*****Please do not apply if you are not a US Citizen, or Green Card Holder. Unfortunately, this role does not offer sponsorship*****
Role Overview
We’re seeking an experienced AI engineer who enjoys building real products—not just experiments—and who can take ideas from early sketches to live, customer-facing systems. In this role, you’ll collaborate closely with product and platform partners to design and deliver intelligent features that are secure, scalable, and grounded in sound engineering principles.
You’ll operate with a high degree of autonomy, make thoughtful tradeoff decisions, and move quickly without sacrificing quality. This position is well suited for someone who thrives amid ambiguity, adapts easily as priorities shift, and still delivers reliable solutions used by active end users interacting with agent-driven experiences.
What You’ll Work On
Intelligent Feature Delivery
Collaborate with engineers, data scientists, program leaders, and product partners to ship AI-driven capabilities that meaningfully improve how users work.
Design and implement agent-based systems that handle reasoning, task decomposition, orchestration, and tool usage across internal and external workflows.
Build and scale modern agent frameworks that integrate tools, MCPs, APIs, and emerging interaction patterns while handling failures, exceptions, and human feedback loops.
Apply validation, attribution, and safety mechanisms that ensure consistent and predictable agent behavior by treating prompts and model outputs as untrusted inputs.
Convert fast-changing product concepts into clear technical approaches and working implementations.
Develop advanced retrieval-based pipelines that allow AI systems to search, combine, and reason over structured and unstructured data sources.
Provide technical leadership in defining how agent orchestration evolves across the organization.
Own features end to end—from prototyping and experimentation through deployment, monitoring, and ongoing support.
Move quickly during discovery phases while maintaining production-quality standards in deployed systems.
Product & Team Collaboration
Work hand-in-hand with product managers to refine scope, user experience, and feasibility as ideas evolve.
Partner with AI platform and infrastructure teams to align on shared tools, patterns, and best practices.
Offer technical guidance that helps teams navigate tradeoffs in a rapidly changing environment.
Act as a stabilizing force between shifting product direction and durable technical execution.
Mentor peers and help elevate the overall quality of AI engineering practices.

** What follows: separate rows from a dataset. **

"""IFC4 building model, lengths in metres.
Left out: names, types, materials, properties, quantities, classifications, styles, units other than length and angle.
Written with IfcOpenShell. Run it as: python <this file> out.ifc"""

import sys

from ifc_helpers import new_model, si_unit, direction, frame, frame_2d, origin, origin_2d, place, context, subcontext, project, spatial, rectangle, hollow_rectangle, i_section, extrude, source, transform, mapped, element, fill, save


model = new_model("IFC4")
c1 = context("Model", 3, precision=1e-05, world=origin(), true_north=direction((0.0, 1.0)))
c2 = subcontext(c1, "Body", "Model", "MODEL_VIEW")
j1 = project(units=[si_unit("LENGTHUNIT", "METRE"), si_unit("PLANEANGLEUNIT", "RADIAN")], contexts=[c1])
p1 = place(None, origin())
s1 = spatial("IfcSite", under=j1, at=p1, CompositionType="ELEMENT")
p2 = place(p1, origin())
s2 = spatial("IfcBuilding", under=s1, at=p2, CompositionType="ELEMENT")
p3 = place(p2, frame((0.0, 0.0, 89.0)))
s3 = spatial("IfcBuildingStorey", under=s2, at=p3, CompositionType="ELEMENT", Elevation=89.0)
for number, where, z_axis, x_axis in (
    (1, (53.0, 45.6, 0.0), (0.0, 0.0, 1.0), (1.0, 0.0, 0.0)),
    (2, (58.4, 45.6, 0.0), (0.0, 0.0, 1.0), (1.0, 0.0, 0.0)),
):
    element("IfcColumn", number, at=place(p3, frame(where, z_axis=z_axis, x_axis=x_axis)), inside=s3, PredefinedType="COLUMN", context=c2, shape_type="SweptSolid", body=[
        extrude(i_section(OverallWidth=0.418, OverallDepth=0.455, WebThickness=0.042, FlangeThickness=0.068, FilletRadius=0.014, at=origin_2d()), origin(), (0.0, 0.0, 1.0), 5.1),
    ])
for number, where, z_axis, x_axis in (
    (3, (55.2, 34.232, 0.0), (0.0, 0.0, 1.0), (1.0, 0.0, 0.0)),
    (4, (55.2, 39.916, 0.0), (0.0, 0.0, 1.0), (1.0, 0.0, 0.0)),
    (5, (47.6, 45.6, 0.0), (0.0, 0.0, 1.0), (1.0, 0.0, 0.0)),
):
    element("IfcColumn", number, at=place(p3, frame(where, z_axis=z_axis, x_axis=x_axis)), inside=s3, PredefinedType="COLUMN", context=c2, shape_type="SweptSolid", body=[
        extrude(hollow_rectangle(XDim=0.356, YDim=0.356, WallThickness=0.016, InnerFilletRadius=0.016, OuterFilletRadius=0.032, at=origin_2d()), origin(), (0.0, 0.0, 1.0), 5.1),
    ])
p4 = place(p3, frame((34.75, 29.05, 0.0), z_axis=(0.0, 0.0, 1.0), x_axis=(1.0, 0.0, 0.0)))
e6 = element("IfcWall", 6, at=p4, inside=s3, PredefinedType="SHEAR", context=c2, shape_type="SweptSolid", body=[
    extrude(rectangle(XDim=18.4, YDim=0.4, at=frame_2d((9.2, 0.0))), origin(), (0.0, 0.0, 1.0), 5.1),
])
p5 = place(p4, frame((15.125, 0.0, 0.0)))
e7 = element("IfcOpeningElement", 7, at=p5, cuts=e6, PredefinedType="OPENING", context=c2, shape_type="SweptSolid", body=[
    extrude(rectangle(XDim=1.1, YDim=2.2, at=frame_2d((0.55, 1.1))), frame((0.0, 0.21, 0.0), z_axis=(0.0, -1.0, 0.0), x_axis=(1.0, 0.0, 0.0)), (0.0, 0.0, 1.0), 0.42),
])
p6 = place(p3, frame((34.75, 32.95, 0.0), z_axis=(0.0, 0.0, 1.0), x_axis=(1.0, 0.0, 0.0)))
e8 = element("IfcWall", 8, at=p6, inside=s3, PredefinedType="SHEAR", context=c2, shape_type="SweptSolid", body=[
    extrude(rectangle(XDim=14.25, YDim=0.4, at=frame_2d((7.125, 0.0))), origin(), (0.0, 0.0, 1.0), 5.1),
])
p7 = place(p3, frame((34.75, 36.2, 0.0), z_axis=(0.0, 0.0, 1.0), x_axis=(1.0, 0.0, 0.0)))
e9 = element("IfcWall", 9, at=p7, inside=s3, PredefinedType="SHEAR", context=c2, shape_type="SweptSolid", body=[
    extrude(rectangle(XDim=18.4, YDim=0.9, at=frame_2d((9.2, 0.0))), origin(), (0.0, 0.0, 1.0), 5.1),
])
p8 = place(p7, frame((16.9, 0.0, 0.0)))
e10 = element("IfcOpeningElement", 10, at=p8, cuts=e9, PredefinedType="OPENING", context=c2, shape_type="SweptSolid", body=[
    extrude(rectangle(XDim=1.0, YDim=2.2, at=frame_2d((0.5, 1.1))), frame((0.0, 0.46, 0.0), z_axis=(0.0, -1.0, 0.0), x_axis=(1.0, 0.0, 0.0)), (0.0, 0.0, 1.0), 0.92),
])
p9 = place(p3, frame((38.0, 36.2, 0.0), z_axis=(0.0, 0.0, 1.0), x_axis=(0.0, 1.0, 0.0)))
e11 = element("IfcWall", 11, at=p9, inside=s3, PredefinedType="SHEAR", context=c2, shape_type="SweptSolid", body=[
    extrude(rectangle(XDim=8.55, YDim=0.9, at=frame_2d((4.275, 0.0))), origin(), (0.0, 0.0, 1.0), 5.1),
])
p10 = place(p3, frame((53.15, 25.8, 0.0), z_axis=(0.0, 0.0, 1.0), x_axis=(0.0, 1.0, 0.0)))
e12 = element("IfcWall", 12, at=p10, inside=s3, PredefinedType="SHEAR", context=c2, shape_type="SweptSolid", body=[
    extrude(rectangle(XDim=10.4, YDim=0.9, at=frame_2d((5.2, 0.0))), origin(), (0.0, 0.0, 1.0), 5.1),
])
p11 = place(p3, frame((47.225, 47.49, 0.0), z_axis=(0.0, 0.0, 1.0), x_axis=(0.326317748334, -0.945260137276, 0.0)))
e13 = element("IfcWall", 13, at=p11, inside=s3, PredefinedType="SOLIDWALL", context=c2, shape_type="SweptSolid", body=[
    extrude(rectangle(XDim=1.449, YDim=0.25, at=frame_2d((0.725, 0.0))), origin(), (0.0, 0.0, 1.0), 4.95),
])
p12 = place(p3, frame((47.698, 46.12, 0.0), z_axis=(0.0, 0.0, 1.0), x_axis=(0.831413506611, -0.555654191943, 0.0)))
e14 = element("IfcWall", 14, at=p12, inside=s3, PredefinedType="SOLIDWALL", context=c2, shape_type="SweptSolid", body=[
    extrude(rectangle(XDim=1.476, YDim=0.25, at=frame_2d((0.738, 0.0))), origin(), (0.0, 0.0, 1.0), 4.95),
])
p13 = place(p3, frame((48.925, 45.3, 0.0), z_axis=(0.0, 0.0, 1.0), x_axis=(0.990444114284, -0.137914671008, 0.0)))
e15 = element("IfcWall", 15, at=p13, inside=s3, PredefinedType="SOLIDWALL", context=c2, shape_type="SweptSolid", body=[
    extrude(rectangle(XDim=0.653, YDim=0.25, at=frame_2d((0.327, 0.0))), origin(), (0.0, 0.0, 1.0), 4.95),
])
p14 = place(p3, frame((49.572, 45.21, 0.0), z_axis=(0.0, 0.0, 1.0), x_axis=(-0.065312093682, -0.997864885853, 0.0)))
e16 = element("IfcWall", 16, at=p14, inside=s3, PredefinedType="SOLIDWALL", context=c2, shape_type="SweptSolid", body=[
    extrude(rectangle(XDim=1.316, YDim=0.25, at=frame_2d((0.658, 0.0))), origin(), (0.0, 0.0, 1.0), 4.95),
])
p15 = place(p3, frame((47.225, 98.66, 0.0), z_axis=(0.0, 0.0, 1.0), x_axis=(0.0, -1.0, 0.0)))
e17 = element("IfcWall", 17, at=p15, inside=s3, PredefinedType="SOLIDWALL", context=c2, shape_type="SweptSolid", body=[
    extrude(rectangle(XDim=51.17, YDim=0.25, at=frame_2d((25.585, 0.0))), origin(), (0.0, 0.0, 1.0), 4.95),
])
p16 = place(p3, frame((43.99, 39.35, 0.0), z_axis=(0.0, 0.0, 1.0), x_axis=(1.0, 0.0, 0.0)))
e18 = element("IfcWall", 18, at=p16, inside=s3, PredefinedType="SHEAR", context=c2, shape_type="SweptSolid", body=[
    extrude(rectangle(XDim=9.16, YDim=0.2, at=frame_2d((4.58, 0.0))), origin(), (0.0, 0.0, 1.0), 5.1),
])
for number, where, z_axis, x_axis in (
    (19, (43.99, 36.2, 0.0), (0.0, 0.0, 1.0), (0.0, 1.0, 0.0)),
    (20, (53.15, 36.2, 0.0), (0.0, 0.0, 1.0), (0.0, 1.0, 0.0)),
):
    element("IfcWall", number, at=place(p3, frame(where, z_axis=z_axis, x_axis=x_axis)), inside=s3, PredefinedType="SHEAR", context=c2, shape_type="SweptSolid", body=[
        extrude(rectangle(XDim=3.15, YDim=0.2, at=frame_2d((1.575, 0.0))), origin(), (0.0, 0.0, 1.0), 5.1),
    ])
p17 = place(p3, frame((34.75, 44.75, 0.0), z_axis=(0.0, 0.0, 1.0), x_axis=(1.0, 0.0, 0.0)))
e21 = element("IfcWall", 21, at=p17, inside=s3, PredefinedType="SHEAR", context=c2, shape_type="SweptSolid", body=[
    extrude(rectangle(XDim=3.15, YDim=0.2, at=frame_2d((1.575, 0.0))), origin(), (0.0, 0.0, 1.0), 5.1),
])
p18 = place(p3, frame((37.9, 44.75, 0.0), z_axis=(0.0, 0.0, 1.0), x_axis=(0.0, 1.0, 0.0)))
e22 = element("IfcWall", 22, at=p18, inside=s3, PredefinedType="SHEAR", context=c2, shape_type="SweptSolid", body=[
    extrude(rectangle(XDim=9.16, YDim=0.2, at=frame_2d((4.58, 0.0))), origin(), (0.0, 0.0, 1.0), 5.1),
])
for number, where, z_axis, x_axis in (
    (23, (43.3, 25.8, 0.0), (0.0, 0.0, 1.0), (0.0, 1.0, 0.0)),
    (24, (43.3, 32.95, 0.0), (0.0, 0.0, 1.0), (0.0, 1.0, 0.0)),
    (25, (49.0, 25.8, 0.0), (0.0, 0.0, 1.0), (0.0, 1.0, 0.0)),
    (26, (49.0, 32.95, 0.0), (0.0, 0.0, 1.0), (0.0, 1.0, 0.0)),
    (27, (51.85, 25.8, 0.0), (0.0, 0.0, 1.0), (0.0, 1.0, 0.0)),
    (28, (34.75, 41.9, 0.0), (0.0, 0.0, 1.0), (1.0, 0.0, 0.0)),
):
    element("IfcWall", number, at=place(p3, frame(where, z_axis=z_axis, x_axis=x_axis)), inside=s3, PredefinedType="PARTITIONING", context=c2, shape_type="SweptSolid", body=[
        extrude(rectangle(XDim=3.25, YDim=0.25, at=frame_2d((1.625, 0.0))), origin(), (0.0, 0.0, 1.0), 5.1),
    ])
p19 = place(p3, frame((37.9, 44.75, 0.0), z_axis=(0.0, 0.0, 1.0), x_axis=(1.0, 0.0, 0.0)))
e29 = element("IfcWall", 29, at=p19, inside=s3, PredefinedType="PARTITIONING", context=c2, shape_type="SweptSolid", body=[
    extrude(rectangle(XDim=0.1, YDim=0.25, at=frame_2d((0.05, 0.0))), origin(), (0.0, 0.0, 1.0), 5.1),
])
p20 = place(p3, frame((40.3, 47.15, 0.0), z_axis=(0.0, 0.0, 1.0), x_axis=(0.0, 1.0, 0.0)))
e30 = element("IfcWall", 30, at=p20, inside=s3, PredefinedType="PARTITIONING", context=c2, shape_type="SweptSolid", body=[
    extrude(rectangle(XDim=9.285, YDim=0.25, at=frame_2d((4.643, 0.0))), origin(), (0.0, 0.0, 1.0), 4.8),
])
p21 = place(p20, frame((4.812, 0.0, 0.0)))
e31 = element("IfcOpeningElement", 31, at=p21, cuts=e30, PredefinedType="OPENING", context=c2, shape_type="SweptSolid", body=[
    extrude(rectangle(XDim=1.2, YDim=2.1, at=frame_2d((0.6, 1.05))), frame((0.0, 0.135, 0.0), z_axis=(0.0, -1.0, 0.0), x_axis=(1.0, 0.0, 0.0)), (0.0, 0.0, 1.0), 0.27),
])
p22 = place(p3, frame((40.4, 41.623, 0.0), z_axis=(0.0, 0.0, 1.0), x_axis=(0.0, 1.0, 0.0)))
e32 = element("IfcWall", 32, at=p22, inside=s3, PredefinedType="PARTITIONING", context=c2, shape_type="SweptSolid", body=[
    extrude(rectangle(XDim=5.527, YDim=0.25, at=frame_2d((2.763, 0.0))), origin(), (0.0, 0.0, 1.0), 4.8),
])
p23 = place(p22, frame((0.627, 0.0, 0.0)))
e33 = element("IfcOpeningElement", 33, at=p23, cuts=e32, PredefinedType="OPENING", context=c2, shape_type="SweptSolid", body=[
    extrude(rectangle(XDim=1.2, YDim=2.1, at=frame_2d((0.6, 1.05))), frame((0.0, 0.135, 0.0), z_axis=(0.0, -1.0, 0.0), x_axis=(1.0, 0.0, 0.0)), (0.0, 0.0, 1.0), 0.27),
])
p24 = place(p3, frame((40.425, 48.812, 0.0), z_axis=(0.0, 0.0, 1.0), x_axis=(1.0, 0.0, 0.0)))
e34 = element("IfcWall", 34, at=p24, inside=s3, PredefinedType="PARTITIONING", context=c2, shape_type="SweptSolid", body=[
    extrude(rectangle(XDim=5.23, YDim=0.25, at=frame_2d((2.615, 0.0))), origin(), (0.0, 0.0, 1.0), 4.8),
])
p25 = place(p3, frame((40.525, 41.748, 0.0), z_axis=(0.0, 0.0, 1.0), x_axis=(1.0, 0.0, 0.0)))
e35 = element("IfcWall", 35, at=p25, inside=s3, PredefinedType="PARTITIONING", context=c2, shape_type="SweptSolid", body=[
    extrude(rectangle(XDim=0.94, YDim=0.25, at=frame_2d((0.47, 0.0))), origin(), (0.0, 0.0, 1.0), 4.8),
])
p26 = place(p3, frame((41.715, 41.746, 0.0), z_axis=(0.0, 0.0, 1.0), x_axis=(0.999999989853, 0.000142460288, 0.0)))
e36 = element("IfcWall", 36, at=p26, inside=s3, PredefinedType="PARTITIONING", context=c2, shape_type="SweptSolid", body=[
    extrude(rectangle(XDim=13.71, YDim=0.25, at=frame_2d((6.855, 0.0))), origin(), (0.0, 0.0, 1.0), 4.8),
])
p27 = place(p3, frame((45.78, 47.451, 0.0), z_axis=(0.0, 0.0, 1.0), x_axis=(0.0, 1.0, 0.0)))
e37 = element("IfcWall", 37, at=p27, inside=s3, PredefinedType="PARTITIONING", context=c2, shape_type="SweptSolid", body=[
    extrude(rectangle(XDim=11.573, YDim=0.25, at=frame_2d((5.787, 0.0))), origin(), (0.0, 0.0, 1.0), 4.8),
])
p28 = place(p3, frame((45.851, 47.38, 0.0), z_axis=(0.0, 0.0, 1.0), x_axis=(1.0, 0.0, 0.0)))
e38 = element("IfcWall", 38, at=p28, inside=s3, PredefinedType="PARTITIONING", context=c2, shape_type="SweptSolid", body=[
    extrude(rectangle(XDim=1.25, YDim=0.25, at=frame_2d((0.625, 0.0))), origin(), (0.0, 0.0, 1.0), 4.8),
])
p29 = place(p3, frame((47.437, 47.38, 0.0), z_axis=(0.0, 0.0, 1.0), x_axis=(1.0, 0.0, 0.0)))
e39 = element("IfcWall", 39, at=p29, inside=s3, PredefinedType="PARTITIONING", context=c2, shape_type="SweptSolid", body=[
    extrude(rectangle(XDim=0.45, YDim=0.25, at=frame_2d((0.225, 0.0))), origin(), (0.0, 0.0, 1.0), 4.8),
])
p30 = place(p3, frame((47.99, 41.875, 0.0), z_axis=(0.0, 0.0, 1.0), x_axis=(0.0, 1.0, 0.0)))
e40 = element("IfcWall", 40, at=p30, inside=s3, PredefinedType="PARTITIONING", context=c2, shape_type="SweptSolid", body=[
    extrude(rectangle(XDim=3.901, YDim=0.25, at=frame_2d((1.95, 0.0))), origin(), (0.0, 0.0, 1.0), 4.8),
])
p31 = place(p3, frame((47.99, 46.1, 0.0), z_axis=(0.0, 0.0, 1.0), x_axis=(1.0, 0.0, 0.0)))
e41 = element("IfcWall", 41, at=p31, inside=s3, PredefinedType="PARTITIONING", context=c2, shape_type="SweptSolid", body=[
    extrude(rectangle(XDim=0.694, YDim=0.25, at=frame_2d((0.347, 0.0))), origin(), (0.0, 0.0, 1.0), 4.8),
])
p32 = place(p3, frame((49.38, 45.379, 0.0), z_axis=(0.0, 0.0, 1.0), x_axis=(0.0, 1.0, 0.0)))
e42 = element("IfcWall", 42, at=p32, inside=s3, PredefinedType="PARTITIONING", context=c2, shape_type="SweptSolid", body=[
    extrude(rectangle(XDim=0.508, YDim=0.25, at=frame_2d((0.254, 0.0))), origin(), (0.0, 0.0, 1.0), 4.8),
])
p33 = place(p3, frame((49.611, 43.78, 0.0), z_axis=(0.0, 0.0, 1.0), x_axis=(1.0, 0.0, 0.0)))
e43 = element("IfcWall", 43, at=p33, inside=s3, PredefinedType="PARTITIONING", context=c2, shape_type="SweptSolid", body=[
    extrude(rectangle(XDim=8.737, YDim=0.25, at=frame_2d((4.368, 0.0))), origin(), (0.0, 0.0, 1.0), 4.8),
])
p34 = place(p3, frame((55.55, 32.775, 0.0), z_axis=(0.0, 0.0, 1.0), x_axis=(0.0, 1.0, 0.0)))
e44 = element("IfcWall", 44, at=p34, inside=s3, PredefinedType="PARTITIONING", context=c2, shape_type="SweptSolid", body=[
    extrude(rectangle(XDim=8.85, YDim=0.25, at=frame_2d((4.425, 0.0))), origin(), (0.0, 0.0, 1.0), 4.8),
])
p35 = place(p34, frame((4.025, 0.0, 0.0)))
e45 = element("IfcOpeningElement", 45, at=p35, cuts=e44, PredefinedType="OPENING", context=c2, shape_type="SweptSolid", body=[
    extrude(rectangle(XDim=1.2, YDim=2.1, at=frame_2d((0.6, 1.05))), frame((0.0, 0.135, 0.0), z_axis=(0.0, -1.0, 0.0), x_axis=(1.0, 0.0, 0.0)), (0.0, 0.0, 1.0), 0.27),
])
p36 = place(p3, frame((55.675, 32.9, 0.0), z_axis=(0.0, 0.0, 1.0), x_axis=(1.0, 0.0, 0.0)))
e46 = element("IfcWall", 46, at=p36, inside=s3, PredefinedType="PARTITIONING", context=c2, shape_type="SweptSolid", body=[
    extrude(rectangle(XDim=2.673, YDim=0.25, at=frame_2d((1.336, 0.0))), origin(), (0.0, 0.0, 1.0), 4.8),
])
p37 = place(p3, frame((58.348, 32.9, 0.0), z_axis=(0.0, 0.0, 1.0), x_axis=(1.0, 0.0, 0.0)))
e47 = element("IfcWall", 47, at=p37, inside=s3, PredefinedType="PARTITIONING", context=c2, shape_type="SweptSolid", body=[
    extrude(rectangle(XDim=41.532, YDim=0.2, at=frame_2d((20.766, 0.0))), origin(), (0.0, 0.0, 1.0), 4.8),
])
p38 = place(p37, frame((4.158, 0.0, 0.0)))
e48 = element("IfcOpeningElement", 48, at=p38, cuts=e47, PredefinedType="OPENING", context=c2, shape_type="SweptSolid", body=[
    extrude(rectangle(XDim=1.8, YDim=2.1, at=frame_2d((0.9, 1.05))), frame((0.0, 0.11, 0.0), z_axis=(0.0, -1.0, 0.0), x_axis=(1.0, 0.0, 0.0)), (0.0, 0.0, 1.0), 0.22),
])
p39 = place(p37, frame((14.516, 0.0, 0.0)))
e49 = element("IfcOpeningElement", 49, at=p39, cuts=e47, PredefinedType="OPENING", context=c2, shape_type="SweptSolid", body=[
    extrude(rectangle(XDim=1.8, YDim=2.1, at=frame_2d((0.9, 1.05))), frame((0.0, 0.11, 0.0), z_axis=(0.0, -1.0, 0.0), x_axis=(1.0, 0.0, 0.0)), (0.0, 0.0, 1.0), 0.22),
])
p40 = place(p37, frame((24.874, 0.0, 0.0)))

Engineering Quality & Safety
Design AI solutions with security and privacy as first-class concerns.
Build systems that are maintainable, testable, and resilient to continuous iteration.
Apply strong software engineering fundamentals, including testing strategies, version control, observability, and documentation.
Proactively identify and address risks related to model behavior, reliability, performance, and misuse.
AI Systems & Integration
Build and integrate solutions using large language models, retrieval-augmented generation, agent-based architectures, and API-driven tool use.
Implement prompt strategies, evaluation methods, and feedback loops to steadily improve system quality.
Embed AI capabilities into existing applications, services, and workflows.
Monitor live systems and continuously optimize for response quality, latency, cost efficiency, and user outcomes.
What You Bring
Required Experience
7+ years of professional software engineering experience, including meaningful work on AI-enabled or intelligent systems.
Strong proficiency in Python, with experience integrating AI/ML or LLM-based services; familiarity with JavaScript or TypeScript for UI-driven or interactive experiences.
Proven ability to work independently and make sound technical decisions under time pressure.
Demonstrated success delivering production systems in environments with evolving requirements.
Solid understanding of software architecture, API design, distributed systems, and data access patterns across relational databases and data platforms.
Working knowledge of security, data privacy, and access control in modern AI systems.